That said. My dad has a Yard Man that has a 24 HP Kohler and Hydro stat drive. Cuts like a dream. He gave a Case of beer for it. There are decent tractors for cheap around us. Just gotta find em


----------



## lukem (May 28, 2013)

Might consider...hear me out...finding a ZTR with a blown engine on the cheap and repowering it.


----------



## begreen (May 28, 2013)

gzecc said:


> I personally would stay away from craftsman. Look for an older wheelhorse, or simplicity. These older machines will need work but they are servicable and repairable. The craftsmans generally are throw aways.


I have an 18hp Craftsman Kohler going on it's seventh season. It has been a very good unit. 12 ga deck.
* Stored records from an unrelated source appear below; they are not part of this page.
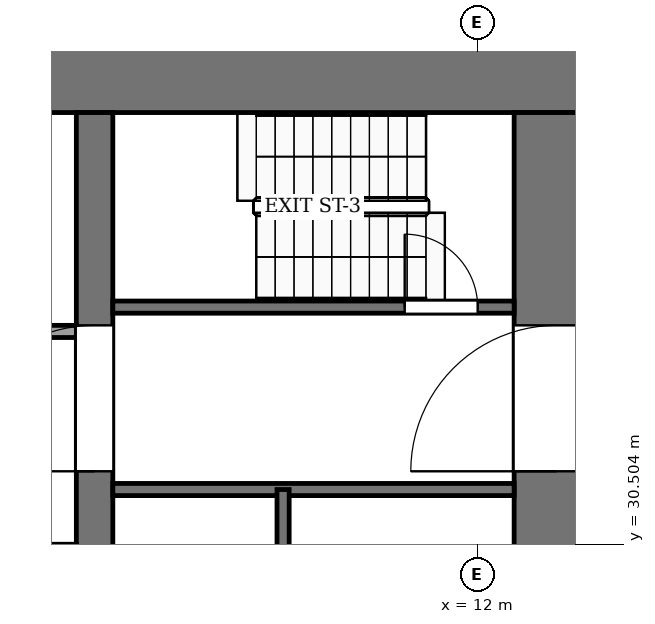
"""IFC4 building model, lengths in metres.
Left out: names, types, materials, properties, quantities, classifications, styles, units other than length and angle.
Written with IfcOpenShell. Run it as: python <this file> out.ifc"""

import sys

from ifc_helpers import new_model, si_unit, direction, frame, frame_2d, origin, place, context, subcontext, project, spatial, rectangle, extrude, element, fill, save


model = new_model("IFC4")
c1 = context("Model", 3, precision=1e-05, world=origin(), true_north=direction((0.0, 1.0)))
c2 = subcontext(c1, "Body", "Model", "MODEL_VIEW")
j1 = project(units=[si_unit("LENGTHUNIT", "METRE"), si_unit("PLANEANGLEUNIT", "RADIAN")], contexts=[c1])
p1 = place(None, origin())
s1 = spatial("IfcSite", under=j1, at=p1, CompositionType="ELEMENT")
p2 = place(p1, origin())
s2 = spatial("IfcBuilding", under=s1, at=p2, CompositionType="ELEMENT")
p3 = place(p2, frame((0.0, 0.0, 58.0)))
s3 = spatial("IfcBuildingStorey", under=s2, at=p3, CompositionType="ELEMENT", Elevation=58.0)
p4 = place(p3, frame((-14.0, 38.3, -0.25), z_axis=(0.0, 0.0, 1.0), x_axis=(1.0, 0.0, 0.0)))
e1 = element("IfcWall", 1, at=p4, inside=s3, PredefinedType="SHEAR", context=c2, shape_type="SweptSolid", body=[
    extrude(rectangle(XDim=28.0, YDim=1.4, at=frame_2d((14.0, 0.0))), origin(), (0.0, 0.0, 1.0), 7.12),
])
p5 = place(p3, frame((13.3, 18.4, -0.25), z_axis=(0.0, 0.0, 1.0), x_axis=(0.0, 1.0, 0.0)))
e2 = element("IfcWall", 2, at=p5, inside=s3, PredefinedType="SHEAR", context=c2, shape_type="SweptSolid", body=[
    extrude(rectangle(XDim=19.2, YDim=1.4, at=frame_2d((9.6, 0.0))), origin(), (0.0, 0.0, 1.0), 7.12),
])
p6 = place(p5, frame((2.8, 0.0, 0.25)))
e3 = element("IfcOpeningElement", 3, at=p6, cuts=e2, PredefinedType="OPENING", context=c2, shape_type="SweptSolid", body=[
    extrude(rectangle(XDim=2.4, YDim=2.4, at=frame_2d((1.2, 1.2))), frame((0.0, 0.71, 0.0), z_axis=(0.0, -1.0, 0.0), x_axis=(1.0, 0.0, 0.0)), (0.0, 0.0, 1.0), 1.42),
])
p7 = place(p5, frame((13.3, 0.0, 0.25)))
e4 = element("IfcOpeningElement", 4, at=p7, cuts=e2, PredefinedType="OPENING", context=c2, shape_type="SweptSolid", body=[
    extrude(rectangle(XDim=2.4, YDim=2.4, at=frame_2d((1.2, 1.2))), frame((0.0, 0.71, 0.0), z_axis=(0.0, -1.0, 0.0), x_axis=(1.0, 0.0, 0.0)), (0.0, 0.0, 1.0), 1.42),
])
p8 = place(p3, frame((5.7, 18.4, -0.25), z_axis=(0.0, 0.0, 1.0), x_axis=(0.0, 1.0, 0.0)))
e5 = element("IfcWall", 5, at=p8, inside=s3, PredefinedType="SHEAR", context=c2, shape_type="SweptSolid", body=[
    extrude(rectangle(XDim=19.2, YDim=0.6, at=frame_2d((9.6, 0.0))), origin(), (0.0, 0.0, 1.0), 7.12),
])
p9 = place(p8, frame((13.3, 0.0, 0.25)))
e6 = element("IfcOpeningElement", 6, at=p9, cuts=e5, PredefinedType="OPENING", context=c2, shape_type="SweptSolid", body=[
    extrude(rectangle(XDim=2.4, YDim=2.4, at=frame_2d((1.2, 1.2))), frame((0.0, 0.31, 0.0), z_axis=(0.0, -1.0, 0.0), x_axis=(1.0, 0.0, 0.0)), (0.0, 0.0, 1.0), 0.62),
])
p10 = place(p3, frame((6.0, 31.4, 0.0), z_axis=(0.0, 0.0, 1.0), x_axis=(1.0, 0.0, 0.0)))
e7 = element("IfcWall", 7, at=p10, inside=s3, PredefinedType="PARTITIONING", context=c2, shape_type="SweptSolid", body=[
    extrude(rectangle(XDim=6.6, YDim=0.2, at=frame_2d((3.3, 0.0))), origin(), (0.0, 0.0, 1.0), 6.87),
])
p11 = place(p3, frame((-5.4, 34.0, 0.0), z_axis=(0.0, 0.0, 1.0), x_axis=(1.0, 0.0, 0.0)))
e8 = element("IfcWall", 8, at=p11, inside=s3, PredefinedType="PARTITIONING", context=c2, shape_type="SweptSolid", body=[
    extrude(rectangle(XDim=10.8, YDim=0.2, at=frame_2d((5.4, 0.0))), origin(), (0.0, 0.0, 1.0), 6.87),
])
p12 = place(p11, frame((6.15, 0.0, 0.0)))
e9 = element("IfcOpeningElement", 9, at=p12, cuts=e8, PredefinedType="OPENING", context=c2, shape_type="SweptSolid", body=[
    extrude(rectangle(XDim=1.2, YDim=2.2, at=frame_2d((0.6, 1.1))), frame((0.0, 0.11, 0.0), z_axis=(0.0, -1.0, 0.0), x_axis=(1.0, 0.0, 0.0)), (0.0, 0.0, 1.0), 0.22),
])
p13 = place(p11, frame((8.95, 0.0, 0.0)))
e10 = element("IfcOpeningElement", 10, at=p13, cuts=e8, PredefinedType="OPENING", context=c2, shape_type="SweptSolid", body=[
    extrude(rectangle(XDim=1.0, YDim=2.1, at=frame_2d((0.5, 1.05))), frame((0.0, 0.11, 0.0), z_axis=(0.0, -1.0, 0.0), x_axis=(1.0, 0.0, 0.0)), (0.0, 0.0, 1.0), 0.22),
])
p14 = place(p3, frame((6.0, 34.4, 0.0), z_axis=(0.0, 0.0, 1.0), x_axis=(1.0, 0.0, 0.0)))
e11 = element("IfcWall", 11, at=p14, inside=s3, PredefinedType="PARTITIONING", context=c2, shape_type="SweptSolid", body=[
    extrude(rectangle(XDim=6.6, YDim=0.2, at=frame_2d((3.3, 0.0))), origin(), (0.0, 0.0, 1.0), 6.87),
])
p15 = place(p14, frame((4.8, 0.0, 0.0)))
e12 = element("IfcOpeningElement", 12, at=p15, cuts=e11, PredefinedType="OPENING", context=c2, shape_type="SweptSolid", body=[
    extrude(rectangle(XDim=1.2, YDim=2.2, at=frame_2d((0.6, 1.1))), frame((0.0, 0.11, 0.0), z_axis=(0.0, -1.0, 0.0), x_axis=(1.0, 0.0, 0.0)), (0.0, 0.0, 1.0), 0.22),
])
p16 = place(p3, frame((8.8, 24.0, 0.0), z_axis=(0.0, 0.0, 1.0), x_axis=(0.0, 1.0, 0.0)))
e13 = element("IfcWall", 13, at=p16, inside=s3, PredefinedType="PARTITIONING", context=c2, shape_type="SweptSolid", body=[
    extrude(rectangle(XDim=7.4, YDim=0.2, at=frame_2d((3.7, 0.0))), origin(), (0.0, 0.0, 1.0), 6.87),
])
p17 = place(p15, origin())
e14 = element("IfcDoor", 14, at=p17, inside=s3, OperationType="SINGLE_SWING_RIGHT", PredefinedType="DOOR", context=c2, shape_type="SweptSolid", body=[
    extrude(rectangle(XDim=1.2, YDim=2.2, at=frame_2d((0.6, 1.1))), frame((0.0, 0.025, 0.0), z_axis=(0.0, -1.0, 0.0), x_axis=(1.0, 0.0, 0.0)), (0.0, 0.0, 1.0), 0.05),
])
fill(e12, e14)
p18 = place(p9, origin())
e15 = element("IfcDoor", 15, at=p18, inside=s3, OperationType="DOUBLE_DOOR_SINGLE_SWING", PredefinedType="DOOR", context=c2, shape_type="SweptSolid", body=[
    extrude(rectangle(XDim=2.4, YDim=2.4, at=frame_2d((1.2, 1.2))), frame((0.0, 0.025, 0.0), z_axis=(0.0, -1.0, 0.0), x_axis=(1.0, 0.0, 0.0)), (0.0, 0.0, 1.0), 0.05),
])
fill(e6, e15)
p19 = place(p7, origin())
e16 = element("IfcDoor", 16, at=p19, inside=s3, OperationType="DOUBLE_DOOR_SINGLE_SWING", PredefinedType="DOOR", context=c2, shape_type="SweptSolid", body=[
    extrude(rectangle(XDim=2.4, YDim=2.4, at=frame_2d((1.2, 1.2))), frame((0.0, 0.025, 0.0), z_axis=(0.0, -1.0, 0.0), x_axis=(1.0, 0.0, 0.0)), (0.0, 0.0, 1.0), 0.05),
])
fill(e4, e16)
save(model, sys.argv[1])

My next door neighbor's Simplicity has been in the shop a couple times while we just keep cutting along.

If this unit is in great shape and oil changes have been regular, it's a good deal.


----------



## gzecc (May 28, 2013)

lukem said:


> Might consider...hear me out...finding a ZTR with a blown engine on the cheap and repowering it.


 If its only going to be used for cutting grass, and you have a lot of grass, by all means look for a ZTR. If you need a tractor for all kinds of other tasks, than maybe not.


----------



## MasterMech (May 29, 2013)

The problem with a ZTR with a blown engine is that the condition of the pumps and/or wheel motors is an expensive unknown.  Very expensive. 

The best deal in the used market is the old 100 series from Deere.  165, 175, and the 185 are hydro machines that run indestructible Kawasaki engines and mow very well too.  They can be had for under $500 in running condition and a bit more buys one in good cosmetic shape as well.


----------



## wesessiah (May 29, 2013)

Jags said:


> A 25 year old Craftsman, is not the Craftsman of today.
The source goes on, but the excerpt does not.